In the case of Orwell's 1984 you would want to use sentence tokenization first (NLTK is very good at it), then word tokenization (yielding a list of lists of tokens, not just a single list of tokens) and then feed each sentence separately to the Markov model. This will allow it to properly model sequence starts, instead of being stuck on a single way to start every sequence.
Your sample corpus is most likely to be too small. I don't know how exactly nltk builds its trigram model but it is common practice that beginning and end of sentences are handled somehow. Since there is only one beginning of sentence in your corpus this might be the reason why every sentence has the same beginning.

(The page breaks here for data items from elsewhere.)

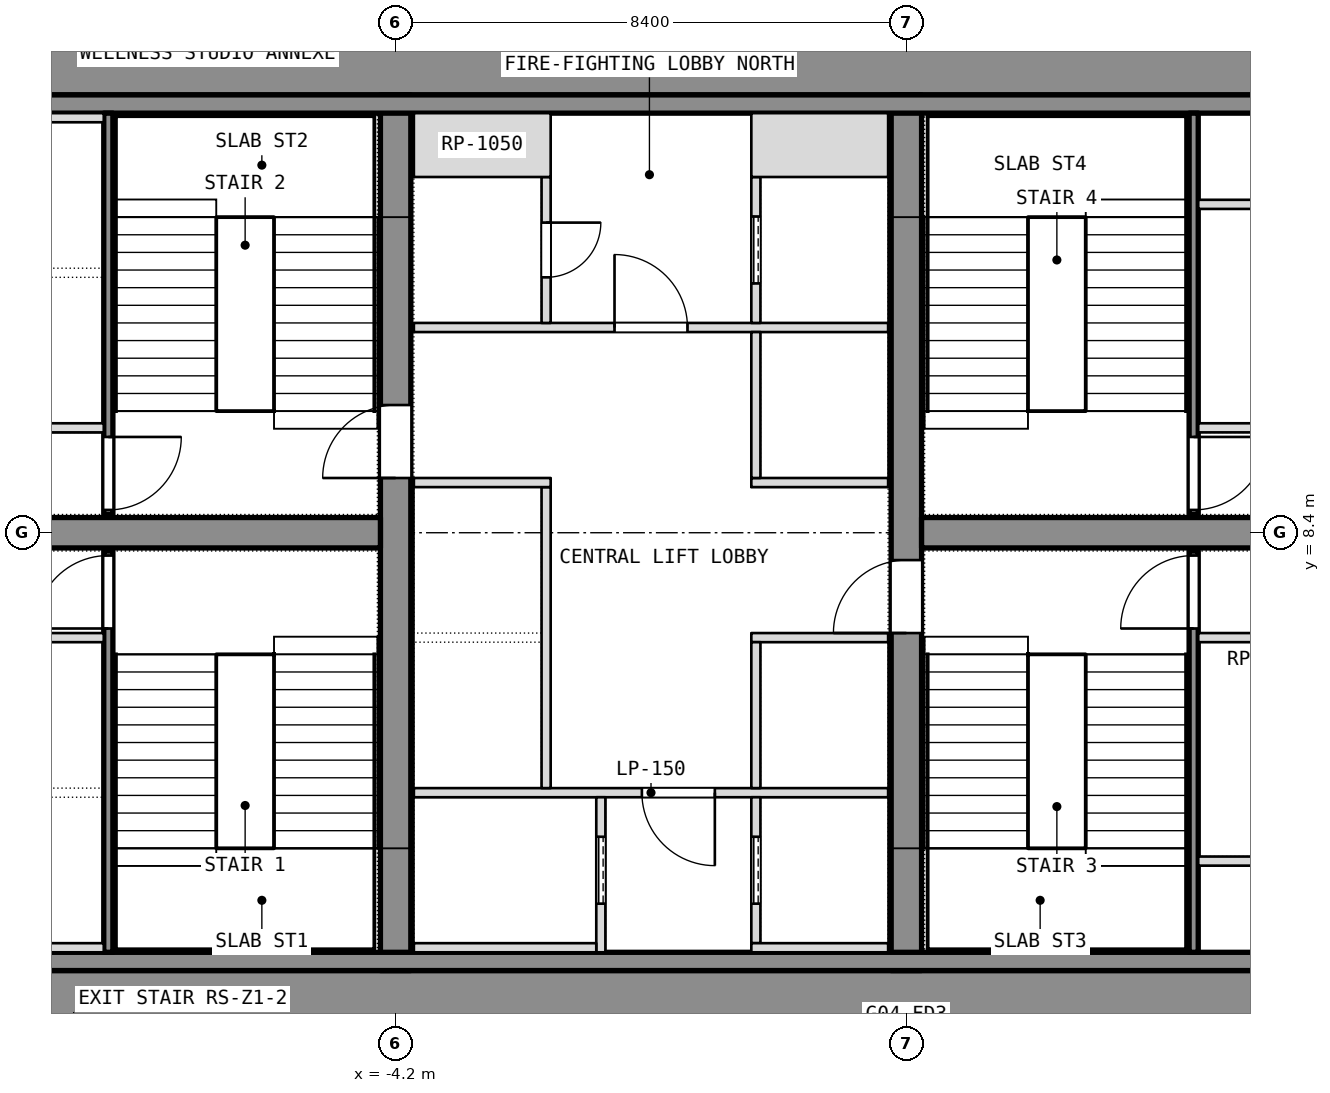
"""IFC4 building model, lengths in metres.
Left out: names, types, materials, properties, quantities, classifications, styles, units other than length and angle.
Written with IfcOpenShell. Run it as: python <this file> out.ifc"""

import sys

from ifc_helpers import new_model, si_unit, direction, frame, frame_2d, origin, place, context, subcontext, project, spatial, rectangle, extrude, element, fill, save


model = new_model("IFC4")
c1 = context("Model", 3, precision=1e-05, world=origin(), true_north=direction((0.0, 1.0)))
c2 = subcontext(c1, "Body", "Model", "MODEL_VIEW")
j1 = project(units=[si_unit("LENGTHUNIT", "METRE"), si_unit("PLANEANGLEUNIT", "RADIAN")], contexts=[c1])
p1 = place(None, origin())
s1 = spatial("IfcSite", under=j1, at=p1, CompositionType="ELEMENT")
p2 = place(p1, origin())
s2 = spatial("IfcBuilding", under=s1, at=p2, CompositionType="ELEMENT")
p3 = place(p2, frame((0.0, 0.0, 58.1)))
s3 = spatial("IfcBuildingStorey", under=s2, at=p3, CompositionType="ELEMENT", Elevation=58.1)
for number, where, z_axis, x_axis in (
    (1, (-11.1, 0.6, 0.0), (0.0, 0.0, 1.0), (1.0, 0.0, 0.0)),
    (2, (-11.1, 16.2, 0.0), (0.0, 0.0, 1.0), (1.0, 0.0, 0.0)),
):
    element("IfcWall", number, at=place(p3, frame(where, z_axis=z_axis, x_axis=x_axis)), inside=s3, PredefinedType="SHEAR", context=c2, shape_type="SweptSolid", body=[
        extrude(rectangle(XDim=22.2, YDim=1.2, at=frame_2d((11.1, 0.0))), origin(), (0.0, 0.0, 1.0), 3.6),
    ])
p4 = place(p3, frame((-4.2, 1.2, 0.0), z_axis=(0.0, 0.0, 1.0), x_axis=(0.0, 1.0, 0.0)))
e3 = element("IfcWall", 3, at=p4, inside=s3, PredefinedType="SHEAR", context=c2, shape_type="SweptSolid", body=[
    extrude(rectangle(XDim=14.4, YDim=0.5, at=frame_2d((7.2, 0.0))), origin(), (0.0, 0.0, 1.0), 3.6),
])
p5 = place(p4, frame((8.1, 0.0, 0.0)))
e4 = element("IfcOpeningElement", 4, at=p5, cuts=e3, PredefinedType="OPENING", context=c2, shape_type="SweptSolid", body=[
    extrude(rectangle(XDim=1.2, YDim=2.1, at=frame_2d((0.6, 1.05))), frame((0.0, 0.25, 0.0), z_axis=(0.0, -1.0, 0.0), x_axis=(1.0, 0.0, 0.0)), (0.0, 0.0, 1.0), 0.5),
])
p6 = place(p3, frame((4.2, 1.2, 0.0), z_axis=(0.0, 0.0, 1.0), x_axis=(0.0, 1.0, 0.0)))
e5 = element("IfcWall", 5, at=p6, inside=s3, PredefinedType="SHEAR", context=c2, shape_type="SweptSolid", body=[
    extrude(rectangle(XDim=14.4, YDim=0.5, at=frame_2d((7.2, 0.0))), origin(), (0.0, 0.0, 1.0), 3.6),
])
p7 = place(p6, frame((5.55, 0.0, 0.0)))
e6 = element("IfcOpeningElement", 6, at=p7, cuts=e5, PredefinedType="OPENING", context=c2, shape_type="SweptSolid", body=[
    extrude(rectangle(XDim=1.2, YDim=2.1, at=frame_2d((0.6, 1.05))), frame((0.0, 0.25, 0.0), z_axis=(0.0, -1.0, 0.0), x_axis=(1.0, 0.0, 0.0)), (0.0, 0.0, 1.0), 0.5),
])
for number, where, z_axis, x_axis in (
    (7, (-11.1, 8.4, 0.0), (0.0, 0.0, 1.0), (1.0, 0.0, 0.0)),
    (8, (4.45, 8.4, 0.0), (0.0, 0.0, 1.0), (1.0, 0.0, 0.0)),
):
    element("IfcWall", number, at=place(p3, frame(where, z_axis=z_axis, x_axis=x_axis)), inside=s3, PredefinedType="SHEAR", context=c2, shape_type="SweptSolid", body=[
        extrude(rectangle(XDim=6.65, YDim=0.5, at=frame_2d((3.325, 0.0))), origin(), (0.0, 0.0, 1.0), 3.6),
    ])
for number, where, z_axis, x_axis in (
    (9, (-11.1, 1.35, 0.0), (0.0, 0.0, 1.0), (1.0, 0.0, 0.0)),
    (10, (-11.1, 15.45, 0.0), (0.0, 0.0, 1.0), (1.0, 0.0, 0.0)),
):
    element("IfcWall", number, at=place(p3, frame(where, z_axis=z_axis, x_axis=x_axis)), inside=s3, PredefinedType="PARTITIONING", context=c2, shape_type="SweptSolid", body=[
        extrude(rectangle(XDim=22.2, YDim=0.3, at=frame_2d((11.1, 0.0))), origin(), (0.0, 0.0, 1.0), 3.34),
    ])
p8 = place(p3, frame((-8.925, 1.5, 0.0), z_axis=(0.0, 0.0, 1.0), x_axis=(0.0, 1.0, 0.0)))
e11 = element("IfcWall", 11, at=p8, inside=s3, PredefinedType="SHEAR", context=c2, shape_type="SweptSolid", body=[
    extrude(rectangle(XDim=6.6, YDim=0.15, at=frame_2d((3.3, 0.0))), origin(), (0.0, 0.0, 1.0), 3.34),
])
p9 = place(p8, frame((5.325, 0.0, 0.0)))
e12 = element("IfcOpeningElement", 12, at=p9, cuts=e11, PredefinedType="OPENING", context=c2, shape_type="SweptSolid", body=[
    extrude(rectangle(XDim=1.2, YDim=2.1, at=frame_2d((0.6, 1.05))), frame((0.0, 0.075, 0.0), z_axis=(0.0, -1.0, 0.0), x_axis=(1.0, 0.0, 0.0)), (0.0, 0.0, 1.0), 0.15),
])
for number, where, z_axis, x_axis in (
    (13, (-11.1, 6.675, 0.0), (0.0, 0.0, 1.0), (1.0, 0.0, 0.0)),
    (14, (-11.1, 1.575, 0.0), (0.0, 0.0, 1.0), (1.0, 0.0, 0.0)),
):
    element("IfcWall", number, at=place(p3, frame(where, z_axis=z_axis, x_axis=x_axis)), inside=s3, PredefinedType="SHEAR", context=c2, shape_type="SweptSolid", body=[
        extrude(rectangle(XDim=2.1, YDim=0.15, at=frame_2d((1.05, 0.0))), origin(), (0.0, 0.0, 1.0), 3.6),
    ])
p10 = place(p3, frame((-8.925, 8.7, 0.0), z_axis=(0.0, 0.0, 1.0), x_axis=(0.0, 1.0, 0.0)))
e15 = element("IfcWall", 15, at=p10, inside=s3, PredefinedType="SHEAR", context=c2, shape_type="SweptSolid", body=[
    extrude(rectangle(XDim=6.6, YDim=0.15, at=frame_2d((3.3, 0.0))), origin(), (0.0, 0.0, 1.0), 3.34),
])
p11 = place(p10, frame((0.075, 0.0, 0.0)))
e16 = element("IfcOpeningElement", 16, at=p11, cuts=e15, PredefinedType="OPENING", context=c2, shape_type="SweptSolid", body=[
    extrude(rectangle(XDim=1.2, YDim=2.1, at=frame_2d((0.6, 1.05))), frame((0.0, 0.075, 0.0), z_axis=(0.0, -1.0, 0.0), x_axis=(1.0, 0.0, 0.0)), (0.0, 0.0, 1.0), 0.15),
])
for number, where, z_axis, x_axis in (
    (17, (-11.1, 10.125, 0.0), (0.0, 0.0, 1.0), (1.0, 0.0, 0.0)),
    (18, (-11.1, 15.225, 0.0), (0.0, 0.0, 1.0), (1.0, 0.0, 0.0)),
):
    element("IfcWall", number, at=place(p3, frame(where, z_axis=z_axis, x_axis=x_axis)), inside=s3, PredefinedType="SHEAR", context=c2, shape_type="SweptSolid", body=[
        extrude(rectangle(XDim=2.1, YDim=0.15, at=frame_2d((1.05, 0.0))), origin(), (0.0, 0.0, 1.0), 3.6),
    ])
p12 = place(p3, frame((8.925, 1.5, 0.0), z_axis=(0.0, 0.0, 1.0), x_axis=(0.0, 1.0, 0.0)))
e19 = element("IfcWall", 19, at=p12, inside=s3, PredefinedType="SHEAR", context=c2, shape_type="SweptSolid", body=[
    extrude(rectangle(XDim=6.6, YDim=0.15, at=frame_2d((3.3, 0.0))), origin(), (0.0, 0.0, 1.0), 3.34),
])
p13 = place(p12, frame((5.325, 0.0, 0.0)))
e20 = element("IfcOpeningElement", 20, at=p13, cuts=e19, PredefinedType="OPENING", context=c2, shape_type="SweptSolid", body=[
    extrude(rectangle(XDim=1.2, YDim=2.1, at=frame_2d((0.6, 1.05))), frame((0.0, 0.075, 0.0), z_axis=(0.0, -1.0, 0.0), x_axis=(1.0, 0.0, 0.0)), (0.0, 0.0, 1.0), 0.15),
])
for number, where, z_axis, x_axis in (
    (21, (9.0, 6.675, 0.0), (0.0, 0.0, 1.0), (1.0, 0.0, 0.0)),
    (22, (9.0, 3.0, 0.0), (0.0, 0.0, 1.0), (1.0, 0.0, 0.0)),
):
    element("IfcWall", number, at=place(p3, frame(where, z_axis=z_axis, x_axis=x_axis)), inside=s3, PredefinedType="PARTITIONING", context=c2, shape_type="SweptSolid", body=[
        extrude(rectangle(XDim=2.1, YDim=0.15, at=frame_2d((1.05, 0.0))), origin(), (0.0, 0.0, 1.0), 3.34),
    ])
p14 = place(p3, frame((8.925, 8.7, 0.0), z_axis=(0.0, 0.0, 1.0), x_axis=(0.0, 1.0, 0.0)))
e23 = element("IfcWall", 23, at=p14, inside=s3, PredefinedType="SHEAR", context=c2, shape_type="SweptSolid", body=[
    extrude(rectangle(XDim=6.6, YDim=0.15, at=frame_2d((3.3, 0.0))), origin(), (0.0, 0.0, 1.0), 3.34),
])
p15 = place(p14, frame((0.075, 0.0, 0.0)))
e24 = element("IfcOpeningElement", 24, at=p15, cuts=e23, PredefinedType="OPENING", context=c2, shape_type="SweptSolid", body=[
    extrude(rectangle(XDim=1.2, YDim=2.1, at=frame_2d((0.6, 1.05))), frame((0.0, 0.075, 0.0), z_axis=(0.0, -1.0, 0.0), x_axis=(1.0, 0.0, 0.0)), (0.0, 0.0, 1.0), 0.15),
])
for number, where, z_axis, x_axis in (
    (25, (9.0, 10.125, 0.0), (0.0, 0.0, 1.0), (1.0, 0.0, 0.0)),
    (26, (9.0, 13.8, 0.0), (0.0, 0.0, 1.0), (1.0, 0.0, 0.0)),
):
    element("IfcWall", number, at=place(p3, frame(where, z_axis=z_axis, x_axis=x_axis)), inside=s3, PredefinedType="PARTITIONING", context=c2, shape_type="SweptSolid", body=[
        extrude(rectangle(XDim=2.1, YDim=0.15, at=frame_2d((1.05, 0.0))), origin(), (0.0, 0.0, 1.0), 3.34),
    ])
p16 = place(p3, frame((-3.9, 4.125, 0.0), z_axis=(0.0, 0.0, 1.0), x_axis=(1.0, 0.0, 0.0)))
e27 = element("IfcWall", 27, at=p16, inside=s3, PredefinedType="PARTITIONING", context=c2, shape_type="SweptSolid", body=[
    extrude(rectangle(XDim=7.8, YDim=0.15, at=frame_2d((3.9, 0.0))), origin(), (0.0, 0.0, 1.0), 3.34),
])
p17 = place(p16, frame((3.75, 0.0, 0.0)))
e28 = element("IfcOpeningElement", 28, at=p17, cuts=e27, PredefinedType="OPENING", context=c2, shape_type="SweptSolid", body=[
    extrude(rectangle(XDim=1.2, YDim=2.1, at=frame_2d((0.6, 1.05))), frame((0.0, 0.075, 0.0), z_axis=(0.0, -1.0, 0.0), x_axis=(1.0, 0.0, 0.0)), (0.0, 0.0, 1.0), 0.15),
])
p18 = place(p3, frame((-3.9, 11.775, 0.0), z_axis=(0.0, 0.0, 1.0), x_axis=(1.0, 0.0, 0.0)))
e29 = element("IfcWall", 29, at=p18, inside=s3, PredefinedType="PARTITIONING", context=c2, shape_type="SweptSolid", body=[
    extrude(rectangle(XDim=7.8, YDim=0.15, at=frame_2d((3.9, 0.0))), origin(), (0.0, 0.0, 1.0), 3.34),
])
p19 = place(p18, frame((3.3, 0.0, 0.0)))
e30 = element("IfcOpeningElement", 30, at=p19, cuts=e29, PredefinedType="OPENING", context=c2, shape_type="SweptSolid", body=[
    extrude(rectangle(XDim=1.2, YDim=2.1, at=frame_2d((0.6, 1.05))), frame((0.0, 0.075, 0.0), z_axis=(0.0, -1.0, 0.0), x_axis=(1.0, 0.0, 0.0)), (0.0, 0.0, 1.0), 0.15),
])
p20 = place(p3, frame((-0.825, 1.5, 0.0), z_axis=(0.0, 0.0, 1.0), x_axis=(0.0, 1.0, 0.0)))
e31 = element("IfcWall", 31, at=p20, inside=s3, PredefinedType="SHEAR", context=c2, shape_type="SweptSolid", body=[
    extrude(rectangle(XDim=2.55, YDim=0.15, at=frame_2d((1.275, 0.0))), origin(), (0.0, 0.0, 1.0), 3.6),
])
p21 = place(p20, frame((0.8, 0.0, 0.0)))
e32 = element("IfcOpeningElement", 32, at=p21, cuts=e31, PredefinedType="OPENING", context=c2, shape_type="SweptSolid", body=[
    extrude(rectangle(XDim=1.1, YDim=2.1, at=frame_2d((0.55, 1.05))), frame((0.0, 0.075, 0.0), z_axis=(0.0, -1.0, 0.0), x_axis=(1.0, 0.0, 0.0)), (0.0, 0.0, 1.0), 0.15),
])
p22 = place(p3, frame((-3.9, 1.575, 0.0), z_axis=(0.0, 0.0, 1.0), x_axis=(1.0, 0.0, 0.0)))
e33 = element("IfcWall", 33, at=p22, inside=s3, PredefinedType="SHEAR", context=c2, shape_type="SweptSolid", body=[
    extrude(rectangle(XDim=3.0, YDim=0.15, at=frame_2d((1.5, 0.0))), origin(), (0.0, 0.0, 1.0), 3.6),
])
p23 = place(p3, frame((-1.725, 4.2, 0.0), z_axis=(0.0, 0.0, 1.0), x_axis=(0.0, 1.0, 0.0)))
e34 = element("IfcWall", 34, at=p23, inside=s3, PredefinedType="SHEAR", context=c2, shape_type="SweptSolid", body=[
    extrude(rectangle(XDim=4.95, YDim=0.15, at=frame_2d((2.475, 0.0))), origin(), (0.0, 0.0, 1.0), 3.6),
])
p24 = place(p3, frame((-3.9, 9.225, 0.0), z_axis=(0.0, 0.0, 1.0), x_axis=(1.0, 0.0, 0.0)))
e35 = element("IfcWall", 35, at=p24, inside=s3, PredefinedType="SHEAR", context=c2, shape_type="SweptSolid", body=[
    extrude(rectangle(XDim=2.25, YDim=0.15, at=frame_2d((1.125, 0.0))), origin(), (0.0, 0.0, 1.0), 3.6),
])
p25 = place(p3, frame((-1.725, 11.85, 0.0), z_axis=(0.0, 0.0, 1.0), x_axis=(0.0, 1.0, 0.0)))
e36 = element("IfcWall", 36, at=p25, inside=s3, PredefinedType="PARTITIONING", context=c2, shape_type="SweptSolid", body=[
    extrude(rectangle(XDim=2.4, YDim=0.15, at=frame_2d((1.2, 0.0))), origin(), (0.0, 0.0, 1.0), 3.34),
])
p26 = place(p25, frame((0.75, 0.0, 0.0)))
e37 = element("IfcOpeningElement", 37, at=p26, cuts=e36, PredefinedType="OPENING", context=c2, shape_type="SweptSolid", body=[
    extrude(rectangle(XDim=0.9, YDim=2.1, at=frame_2d((0.45, 1.05))), frame((0.0, 0.075, 0.0), z_axis=(0.0, -1.0, 0.0), x_axis=(1.0, 0.0, 0.0)), (0.0, 0.0, 1.0), 0.15),
])
p27 = place(p3, frame((-3.9, 14.775, 0.0), z_axis=(0.0, 0.0, 1.0), x_axis=(1.0, 0.0, 0.0)))
e38 = element("IfcWall", 38, at=p27, inside=s3, PredefinedType="PARTITIONING", context=c2, shape_type="SweptSolid", body=[
    extrude(rectangle(XDim=2.25, YDim=1.05, at=frame_2d((1.125, 0.0))), origin(), (0.0, 0.0, 1.0), 3.34),
])
p28 = place(p3, frame((1.725, 1.65, 0.0), z_axis=(0.0, 0.0, 1.0), x_axis=(0.0, 1.0, 0.0)))
e39 = element("IfcWall", 39, at=p28, inside=s3, PredefinedType="SHEAR", context=c2, shape_type="SweptSolid", body=[
    extrude(rectangle(XDim=2.4, YDim=0.15, at=frame_2d((1.2, 0.0))), origin(), (0.0, 0.0, 1.0), 3.6),
])
p29 = place(p28, frame((0.65, 0.0, 0.0)))
e40 = element("IfcOpeningElement", 40, at=p29, cuts=e39, PredefinedType="OPENING", context=c2, shape_type="SweptSolid", body=[
    extrude(rectangle(XDim=1.1, YDim=2.1, at=frame_2d((0.55, 1.05))), frame((0.0, 0.075, 0.0), z_axis=(0.0, -1.0, 0.0), x_axis=(1.0, 0.0, 0.0)), (0.0, 0.0, 1.0), 0.15),
])
p30 = place(p3, frame((1.65, 1.575, 0.0), z_axis=(0.0, 0.0, 1.0), x_axis=(1.0, 0.0, 0.0)))
e41 = element("IfcWall", 41, at=p30, inside=s3, PredefinedType="SHEAR", context=c2, shape_type="SweptSolid", body=[
    extrude(rectangle(XDim=2.25, YDim=0.15, at=frame_2d((1.125, 0.0))), origin(), (0.0, 0.0, 1.0), 3.6),
])
p31 = place(p3, frame((1.725, 11.85, 0.0), z_axis=(0.0, 0.0, 1.0), x_axis=(0.0, 1.0, 0.0)))
e42 = element("IfcWall", 42, at=p31, inside=s3, PredefinedType="SHEAR", context=c2, shape_type="SweptSolid", body=[
    extrude(rectangle(XDim=2.4, YDim=0.15, at=frame_2d((1.2, 0.0))), origin(), (0.0, 0.0, 1.0), 3.6),
])
p32 = place(p31, frame((0.65, 0.0, 0.0)))
e43 = element("IfcOpeningElement", 43, at=p32, cuts=e42, PredefinedType="OPENING", context=c2, shape_type="SweptSolid", body=[
    extrude(rectangle(XDim=1.1, YDim=2.1, at=frame_2d((0.55, 1.05))), frame((0.0, 0.075, 0.0), z_axis=(0.0, -1.0, 0.0), x_axis=(1.0, 0.0, 0.0)), (0.0, 0.0, 1.0), 0.15),
])
p33 = place(p3, frame((1.65, 14.775, 0.0), z_axis=(0.0, 0.0, 1.0), x_axis=(1.0, 0.0, 0.0)))
e44 = element("IfcWall", 44, at=p33, inside=s3, PredefinedType="SHEAR", context=c2, shape_type="SweptSolid", body=[
    extrude(rectangle(XDim=2.25, YDim=1.05, at=frame_2d((1.125, 0.0))), origin(), (0.0, 0.0, 1.0), 3.6),
])
for number, where, z_axis, x_axis in (
    (45, (1.65, 6.675, 0.0), (0.0, 0.0, 1.0), (1.0, 0.0, 0.0)),
    (46, (1.65, 9.225, 0.0), (0.0, 0.0, 1.0), (1.0, 0.0, 0.0)),
):
    element("IfcWall", number, at=place(p3, frame(where, z_axis=z_axis, x_axis=x_axis)), inside=s3, PredefinedType="SHEAR", context=c2, shape_type="SweptSolid", body=[
        extrude(rectangle(XDim=2.25, YDim=0.15, at=frame_2d((1.125, 0.0))), origin(), (0.0, 0.0, 1.0), 3.6),
    ])
p34 = place(p3, frame((1.725, 4.2, 0.0), z_axis=(0.0, 0.0, 1.0), x_axis=(0.0, 1.0, 0.0)))
e47 = element("IfcWall", 47, at=p34, inside=s3, PredefinedType="SHEAR", context=c2, shape_type="SweptSolid", body=[
    extrude(rectangle(XDim=2.4, YDim=0.15, at=frame_2d((1.2, 0.0))), origin(), (0.0, 0.0, 1.0), 3.6),
])
p35 = place(p3, frame((1.725, 9.3, 0.0), z_axis=(0.0, 0.0, 1.0), x_axis=(0.0, 1.0, 0.0)))
e48 = element("IfcWall", 48, at=p35, inside=s3, PredefinedType="SHEAR", context=c2, shape_type="SweptSolid", body=[
    extrude(rectangle(XDim=2.4, YDim=0.15, at=frame_2d((1.2, 0.0))), origin(), (0.0, 0.0, 1.0), 3.6),
])
p36 = place(p9, origin())
e49 = element("IfcDoor", 49, at=p36, inside=s3, OperationType="SINGLE_SWING_LEFT", PredefinedType="DOOR", context=c2, shape_type="SweptSolid", body=[
    extrude(rectangle(XDim=1.2, YDim=2.1, at=frame_2d((0.6, 1.05))), frame((0.0, 0.025, 0.0), z_axis=(0.0, -1.0, 0.0), x_axis=(1.0, 0.0, 0.0)), (0.0, 0.0, 1.0), 0.05),
])
fill(e12, e49)
p37 = place(p11, origin())
e50 = element("IfcDoor", 50, at=p37, inside=s3, OperationType="SINGLE_SWING_LEFT", PredefinedType="DOOR", context=c2, shape_type="SweptSolid", body=[
    extrude(rectangle(XDim=1.2, YDim=2.1, at=frame_2d((0.6, 1.05))), frame((0.0, 0.025, 0.0), z_axis=(0.0, -1.0, 0.0), x_axis=(1.0, 0.0, 0.0)), (0.0, 0.0, 1.0), 0.05),
])
fill(e16, e50)
p38 = place(p13, origin())
e51 = element("IfcDoor", 51, at=p38, inside=s3, OperationType="SINGLE_SWING_LEFT", PredefinedType="DOOR", context=c2, shape_type="SweptSolid", body=[
    extrude(rectangle(XDim=1.2, YDim=2.1, at=frame_2d((0.6, 1.05))), frame((0.0, 0.025, 0.0), z_axis=(0.0, -1.0, 0.0), x_axis=(1.0, 0.0, 0.0)), (0.0, 0.0, 1.0), 0.05),
])
fill(e20, e51)
p39 = place(p15, origin())
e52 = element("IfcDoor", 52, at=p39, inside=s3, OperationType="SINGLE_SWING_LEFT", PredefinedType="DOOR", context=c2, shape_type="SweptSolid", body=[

Are you sure that using word_tokenize is the right approach?
This Google groups page has the example:
>>> import nltk
>>> text = nltk.Text(nltk.corpus.brown.words()) # Get text from brown
>>> text.generate()
But I've never used nltk, so I can't say whether that works the way you want.
Maybe you can sort the tokens array randomly before generating a sentence.